Молния распорола небо, прочертив в облаках вены и отмечая сердцебиение самой Вселенной.
Я удовлетворенно вздохнула. Дождь хлестал по окнам дилижанса, а раскаты грома заглушали стук колес, так что мы не услышали, а только почувствовали, как грунтовая дорога сменилась брусчаткой на окраине Ингольштадта.

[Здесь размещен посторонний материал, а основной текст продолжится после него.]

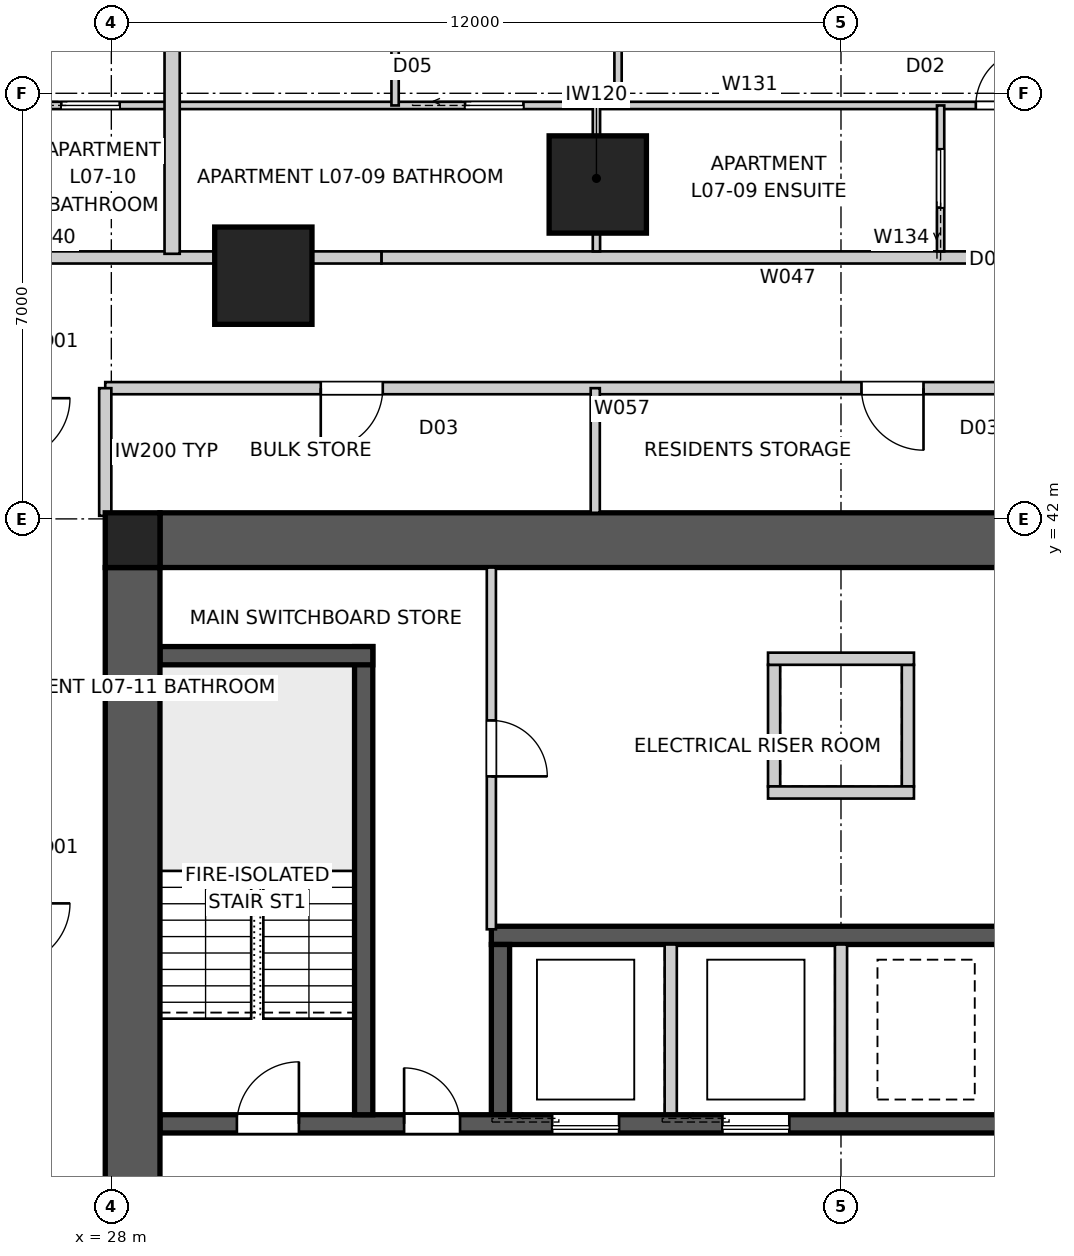
"""IFC4 building model, lengths in metres.
Left out: names, types, materials, properties, quantities, classifications, styles, units other than length and angle.
Written with IfcOpenShell. Run it as: python <this file> out.ifc"""

import sys

from ifc_helpers import new_model, si_unit, direction, frame, frame_2d, origin, origin_2d, place, context, subcontext, project, spatial, polyline, rectangle, outline, extrude, element, fill, save


model = new_model("IFC4")
c1 = context("Model", 3, precision=1e-05, world=origin(), true_north=direction((0.0, 1.0)))
c2 = subcontext(c1, "Body", "Model", "MODEL_VIEW")
j1 = project(units=[si_unit("LENGTHUNIT", "METRE"), si_unit("PLANEANGLEUNIT", "RADIAN")], contexts=[c1])
p1 = place(None, origin())
s1 = spatial("IfcSite", under=j1, at=p1, CompositionType="ELEMENT")
p2 = place(p1, origin())
s2 = spatial("IfcBuilding", under=s1, at=p2, CompositionType="ELEMENT")
p3 = place(p2, frame((0.0, 0.0, 28.6)))
s3 = spatial("IfcBuildingStorey", under=s2, at=p3, CompositionType="ELEMENT", Elevation=28.6)
p4 = place(p3, frame((28.8, 41.65, 0.0), z_axis=(0.0, 0.0, 1.0), x_axis=(1.0, 0.0, 0.0)))
e1 = element("IfcWall", 1, at=p4, inside=s3, PredefinedType="SHEAR", context=c2, shape_type="SweptSolid", body=[
    extrude(outline(polyline([(0.0, -0.45), (22.4, -0.45), (22.4, -0.025), (22.85, -0.025), (22.85, 0.025), (22.4, 0.025), (22.4, 0.45), (0.0, 0.45), (0.0, 0.025), (-0.45, 0.025), (-0.45, -0.025), (0.0, -0.025), (0.0, -0.45)])), origin(), (0.0, 0.0, 1.0), 3.4),
])
p5 = place(p3, frame((28.35, 41.2, 0.0), z_axis=(0.0, 0.0, 1.0), x_axis=(0.0, -1.0, 0.0)))
e2 = element("IfcWall", 2, at=p5, inside=s3, PredefinedType="SHEAR", context=c2, shape_type="SweptSolid", body=[
    extrude(outline(polyline([(0.0, -0.45), (22.4, -0.45), (22.4, -0.025), (22.85, -0.025), (22.85, 0.025), (22.4, 0.025), (22.4, 0.45), (0.0, 0.45), (0.0, 0.025), (-0.45, 0.025), (-0.45, -0.025), (0.0, -0.025), (0.0, -0.45)])), origin(), (0.0, 0.0, 1.0), 3.4),
])
p6 = place(p5, frame((11.14, 0.0, 0.0)))
e3 = element("IfcOpeningElement", 3, at=p6, cuts=e2, PredefinedType="OPENING", context=c2, shape_type="SweptSolid", body=[
    extrude(rectangle(XDim=1.02, YDim=2.4, at=frame_2d((0.51, 1.2))), frame((0.0, 0.46, 0.0), z_axis=(0.0, -1.0, 0.0), x_axis=(1.0, 0.0, 0.0)), (0.0, 0.0, 1.0), 0.92),
])
p7 = place(p3, frame((28.8, 32.05, 0.0), z_axis=(0.0, 0.0, 1.0), x_axis=(1.0, 0.0, 0.0)))
e4 = element("IfcWall", 4, at=p7, inside=s3, PredefinedType="SHEAR", context=c2, shape_type="SweptSolid", body=[
    extrude(rectangle(XDim=22.4, YDim=0.3, at=frame_2d((11.2, 0.0))), origin(), (0.0, 0.0, 1.0), 3.4),
])
p8 = place(p7, frame((19.04, 0.0, 0.0)))
e5 = element("IfcOpeningElement", 5, at=p8, cuts=e4, PredefinedType="OPENING", context=c2, shape_type="SweptSolid", body=[
    extrude(rectangle(XDim=0.92, YDim=2.1, at=frame_2d((0.46, 1.05))), frame((0.0, 0.16, 0.0), z_axis=(0.0, -1.0, 0.0), x_axis=(1.0, 0.0, 0.0)), (0.0, 0.0, 1.0), 0.32),
])
p9 = place(p7, frame((1.265, 0.0, 0.0)))
e6 = element("IfcOpeningElement", 6, at=p9, cuts=e4, PredefinedType="OPENING", context=c2, shape_type="SweptSolid", body=[
    extrude(rectangle(XDim=1.02, YDim=2.1, at=frame_2d((0.51, 1.05))), frame((0.0, 0.16, 0.0), z_axis=(0.0, -1.0, 0.0), x_axis=(1.0, 0.0, 0.0)), (0.0, 0.0, 1.0), 0.32),
])
p10 = place(p7, frame((4.015, 0.0, 0.0)))
e7 = element("IfcOpeningElement", 7, at=p10, cuts=e4, PredefinedType="OPENING", context=c2, shape_type="SweptSolid", body=[
    extrude(rectangle(XDim=0.92, YDim=2.1, at=frame_2d((0.46, 1.05))), frame((0.0, 0.16, 0.0), z_axis=(0.0, -1.0, 0.0), x_axis=(1.0, 0.0, 0.0)), (0.0, 0.0, 1.0), 0.32),
])
p11 = place(p7, frame((6.45, 0.0, 0.0)))
e8 = element("IfcOpeningElement", 8, at=p11, cuts=e4, PredefinedType="OPENING", context=c2, shape_type="SweptSolid", body=[
    extrude(rectangle(XDim=1.1, YDim=2.1, at=frame_2d((0.55, 1.05))), frame((0.0, 0.16, 0.0), z_axis=(0.0, -1.0, 0.0), x_axis=(1.0, 0.0, 0.0)), (0.0, 0.0, 1.0), 0.32),
])
p12 = place(p7, frame((9.25, 0.0, 0.0)))
e9 = element("IfcOpeningElement", 9, at=p12, cuts=e4, PredefinedType="OPENING", context=c2, shape_type="SweptSolid", body=[
    extrude(rectangle(XDim=1.1, YDim=2.1, at=frame_2d((0.55, 1.05))), frame((0.0, 0.16, 0.0), z_axis=(0.0, -1.0, 0.0), x_axis=(1.0, 0.0, 0.0)), (0.0, 0.0, 1.0), 0.32),
])
p13 = place(p7, frame((14.85, 0.0, 0.0)))
e10 = element("IfcOpeningElement", 10, at=p13, cuts=e4, PredefinedType="OPENING", context=c2, shape_type="SweptSolid", body=[
    extrude(rectangle(XDim=1.1, YDim=2.1, at=frame_2d((0.55, 1.05))), frame((0.0, 0.16, 0.0), z_axis=(0.0, -1.0, 0.0), x_axis=(1.0, 0.0, 0.0)), (0.0, 0.0, 1.0), 0.32),
])
p14 = place(p3, frame((34.25, 35.15, 0.0), z_axis=(0.0, 0.0, 1.0), x_axis=(1.0, 0.0, 0.0)))
e11 = element("IfcWall", 11, at=p14, inside=s3, PredefinedType="SHEAR", context=c2, shape_type="SweptSolid", body=[
    extrude(rectangle(XDim=11.5, YDim=0.3, at=frame_2d((5.75, 0.0))), origin(), (0.0, 0.0, 1.0), 3.4),
])
p15 = place(p3, frame((34.4, 32.2, 0.0), z_axis=(0.0, 0.0, 1.0), x_axis=(0.0, 1.0, 0.0)))
e12 = element("IfcWall", 12, at=p15, inside=s3, PredefinedType="SHEAR", context=c2, shape_type="SweptSolid", body=[
    extrude(rectangle(XDim=2.8, YDim=0.3, at=frame_2d((1.4, 0.0))), origin(), (0.0, 0.0, 1.0), 3.4),
])
for number, where, z_axis, x_axis in (
    (13, (37.2, 32.2, 0.0), (0.0, 0.0, 1.0), (0.0, 1.0, 0.0)),
    (14, (40.0, 32.2, 0.0), (0.0, 0.0, 1.0), (0.0, 1.0, 0.0)),
):
    element("IfcWall", number, at=place(p3, frame(where, z_axis=z_axis, x_axis=x_axis)), inside=s3, PredefinedType="SOLIDWALL", context=c2, shape_type="SweptSolid", body=[
        extrude(rectangle(XDim=2.8, YDim=0.2, at=frame_2d((1.4, 0.0))), origin(), (0.0, 0.0, 1.0), 3.4),
    ])
p16 = place(p3, frame((32.15, 32.2, 0.0), z_axis=(0.0, 0.0, 1.0), x_axis=(0.0, 1.0, 0.0)))
e15 = element("IfcWall", 15, at=p16, inside=s3, PredefinedType="SHEAR", context=c2, shape_type="SweptSolid", body=[
    extrude(rectangle(XDim=7.7, YDim=0.3, at=frame_2d((3.85, 0.0))), origin(), (0.0, 0.0, 1.0), 3.4),
])
p17 = place(p3, frame((28.8, 39.75, 0.0), z_axis=(0.0, 0.0, 1.0), x_axis=(1.0, 0.0, 0.0)))
e16 = element("IfcWall", 16, at=p17, inside=s3, PredefinedType="SHEAR", context=c2, shape_type="SweptSolid", body=[
    extrude(rectangle(XDim=3.5, YDim=0.3, at=frame_2d((1.75, 0.0))), origin(), (0.0, 0.0, 1.0), 3.4),
])
for number, where, z_axis, x_axis in (
    (17, (38.9, 37.6, 0.0), (0.0, 0.0, 1.0), (0.0, 1.0, 0.0)),
    (18, (41.1, 37.6, 0.0), (0.0, 0.0, 1.0), (0.0, 1.0, 0.0)),
):
    element("IfcWall", number, at=place(p3, frame(where, z_axis=z_axis, x_axis=x_axis)), inside=s3, PredefinedType="SOLIDWALL", context=c2, shape_type="SweptSolid", body=[
        extrude(rectangle(XDim=2.0, YDim=0.2, at=frame_2d((1.0, 0.0))), origin(), (0.0, 0.0, 1.0), 3.4),
    ])
for number, where, z_axis, x_axis in (
    (19, (38.8, 37.5, 0.0), (0.0, 0.0, 1.0), (1.0, 0.0, 0.0)),
    (20, (38.8, 39.7, 0.0), (0.0, 0.0, 1.0), (1.0, 0.0, 0.0)),
):
    element("IfcWall", number, at=place(p3, frame(where, z_axis=z_axis, x_axis=x_axis)), inside=s3, PredefinedType="SOLIDWALL", context=c2, shape_type="SweptSolid", body=[
        extrude(rectangle(XDim=2.4, YDim=0.2, at=frame_2d((1.2, 0.0))), origin(), (0.0, 0.0, 1.0), 3.4),
    ])
p18 = place(p3, frame((28.35, 41.65, 0.0), z_axis=(0.0, 0.0, 1.0), x_axis=(1.0, 0.0, 0.0)))
e21 = element("IfcColumn", 21, at=p18, inside=s3, PredefinedType="COLUMN", context=c2, shape_type="SweptSolid", body=[
    extrude(rectangle(XDim=0.9, YDim=0.9, at=origin_2d()), origin(), (0.0, 0.0, 1.0), 3.4),
])
for number, where, z_axis, x_axis in (
    (22, (36.0, 47.5, 0.0), (0.0, 0.0, 1.0), (1.0, 0.0, 0.0)),
    (23, (30.5, 46.0, 0.0), (0.0, 0.0, 1.0), (1.0, 0.0, 0.0)),
):
    element("IfcColumn", number, at=place(p3, frame(where, z_axis=z_axis, x_axis=x_axis)), inside=s3, PredefinedType="COLUMN", context=c2, shape_type="SweptSolid", body=[
        extrude(rectangle(XDim=1.6, YDim=1.6, at=origin_2d()), origin(), (0.0, 0.0, 1.0), 3.4),
    ])
p19 = place(p3, frame((47.558, 46.3, 0.0), z_axis=(0.0, 0.0, 1.0), x_axis=(-1.0, 0.0, 0.0)))
e24 = element("IfcWall", 24, at=p19, inside=s3, PredefinedType="PARTITIONING", context=c2, shape_type="SweptSolid", body=[
    extrude(rectangle(XDim=15.117, YDim=0.2, at=frame_2d((7.558, 0.0))), origin(), (0.0, 0.0, 1.0), 3.25),
])
p20 = place(p19, frame((0.729, 0.0, 0.0)))
e25 = element("IfcOpeningElement", 25, at=p20, cuts=e24, PredefinedType="OPENING", context=c2, shape_type="SweptSolid", body=[
    extrude(rectangle(XDim=1.02, YDim=2.34, at=frame_2d((0.51, 1.17))), frame((0.0, 0.11, 0.0), z_axis=(0.0, -1.0, 0.0), x_axis=(1.0, 0.0, 0.0)), (0.0, 0.0, 1.0), 0.22),
])
p21 = place(p3, frame((32.442, 46.3, 0.0), z_axis=(0.0, 0.0, 1.0), x_axis=(-1.0, 0.0, 0.0)))
e26 = element("IfcWall", 26, at=p21, inside=s3, PredefinedType="PARTITIONING", context=c2, shape_type="SweptSolid", body=[
    extrude(rectangle(XDim=1.683, YDim=0.2, at=frame_2d((0.842, 0.0))), origin(), (0.0, 0.0, 1.0), 2.55),
])
p22 = place(p3, frame((30.758, 46.3, 0.0), z_axis=(0.0, 0.0, 1.0), x_axis=(-1.0, 0.0, 0.0)))
e27 = element("IfcWall", 27, at=p22, inside=s3, PredefinedType="PARTITIONING", context=c2, shape_type="SweptSolid", body=[
    extrude(rectangle(XDim=4.458, YDim=0.2, at=frame_2d((2.229, 0.0))), origin(), (0.0, 0.0, 1.0), 3.25),
])
p23 = place(p3, frame((29.0, 56.0, 0.0), z_axis=(0.0, 0.0, 1.0), x_axis=(0.0, -1.0, 0.0)))
e28 = element("IfcWall", 28, at=p23, inside=s3, PredefinedType="PARTITIONING", context=c2, shape_type="SweptSolid", body=[
    extrude(rectangle(XDim=9.64, YDim=0.25, at=frame_2d((4.82, 0.0))), origin(), (0.0, 0.0, 1.0), 3.25),
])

Жюстина, спрятав лицо у меня на плече, дрожала, словно новорожденный кролик. Очередная белая вспышка осветила дилижанс, и мы чуть не оглохли от грохота такой силы, что в окнах задребезжали стекла.
– Как вы можете смеяться? – спросила Жюстина. До этого момента я не замечала даже, что смеюсь. Я погладила ее темные локоны, выбившиеся из-под шляпки. Жюстина ненавидела громкие звуки: хлопанье дверей. Грозу. Крики. В особенности крики. Но моими стараниями в последние два года крики ее не беспокоили. Как странно, что наше с ней жестокое прошлое – хотя в моем детстве жестокость закончилась намного раньше, – привело нас к таким разным результатам. Жюстина была самым искренним, самым любящим и добрым человеком из всех, кого я знала.
А я…
А я нет.
– Я не рассказывала, что в детстве мы с Виктором забирались в грозу на крышу дома, чтобы посмотреть на молнии?
Она помотала головой, не отнимая лица от моего плеча.
– Свет преломлялся, отражаясь от гор, обрисовывал их контуры… мы словно наблюдали за сотворением мира. А когда молнии сверкали над озером, они как будто появлялись разом и на небе, и в воде. Мы возвращались домой мокрые до нитки; просто чудо, что никто из нас не умер от простуды.
Я снова засмеялась, вспоминая, как это было. На моей коже – светлой под стать волосам – от холода проступал ярко-малиновый румянец. Виктор с прилипшими к бледному лбу темными локонами и неизменными кругами под глазами выглядел как сама смерть. Ну и парочка мы были!
– Как-то ночью, – продолжила я, почувствовав, что Жюстина немного успокоилась, – молния ударила в дерево в каких-то шестидесяти футах от того места, где мы сидели.
– Какой ужас!
– Это было изумительно. – Я улыбнулась и прижала ладонь к стеклу, чувствуя его холод сквозь белую кружевную перчатку. – Для меня это было свидетельством великого и ужасного могущества природы. Я как будто видела самого Бога.
Жюстина неодобрительно зацокала и, оторвавшись от моего плеча, бросила на меня сердитый взгляд.
– Не кощунствуйте.
Я показала ей язык, и она невольно улыбнулась.
– А что Виктор?
– О, с той ночи он несколько месяцев ходил как в воду опущенный. Как же он выразился? «Изнемогая в юдоли невыразимого отчаяния…»
Улыбка Жюстины стала шире, хотя в ней проступило легкое недоумение. Прочесть ее было легче, чем любую из книг Виктора. Все они требовали глубоких знаний и пристального вчитывания, в то время как лицо Жюстины было иллюстрированным манускриптом – красивым, драгоценным и понятным с первого взгляда.
Я неохотно задернула шторку на окне, загораживаясь от грозы ради ее спокойствия. Она не покидала дом у озера со времени последней нашей злополучной поездки в Женеву, когда на нас набросилась ее безумная, опустошенная горем мать.
– Если я видела в разрушении дерева красоту природы, то Виктор видел силу – силу, которая освещает ночь и изгоняет тьму, силу, способную одним ударом положить конец долгим векам жизни, – силу, которой нельзя овладеть и которую невозможно контролировать. Ничто не раздражает Виктора больше, чем то, что он не может контролировать.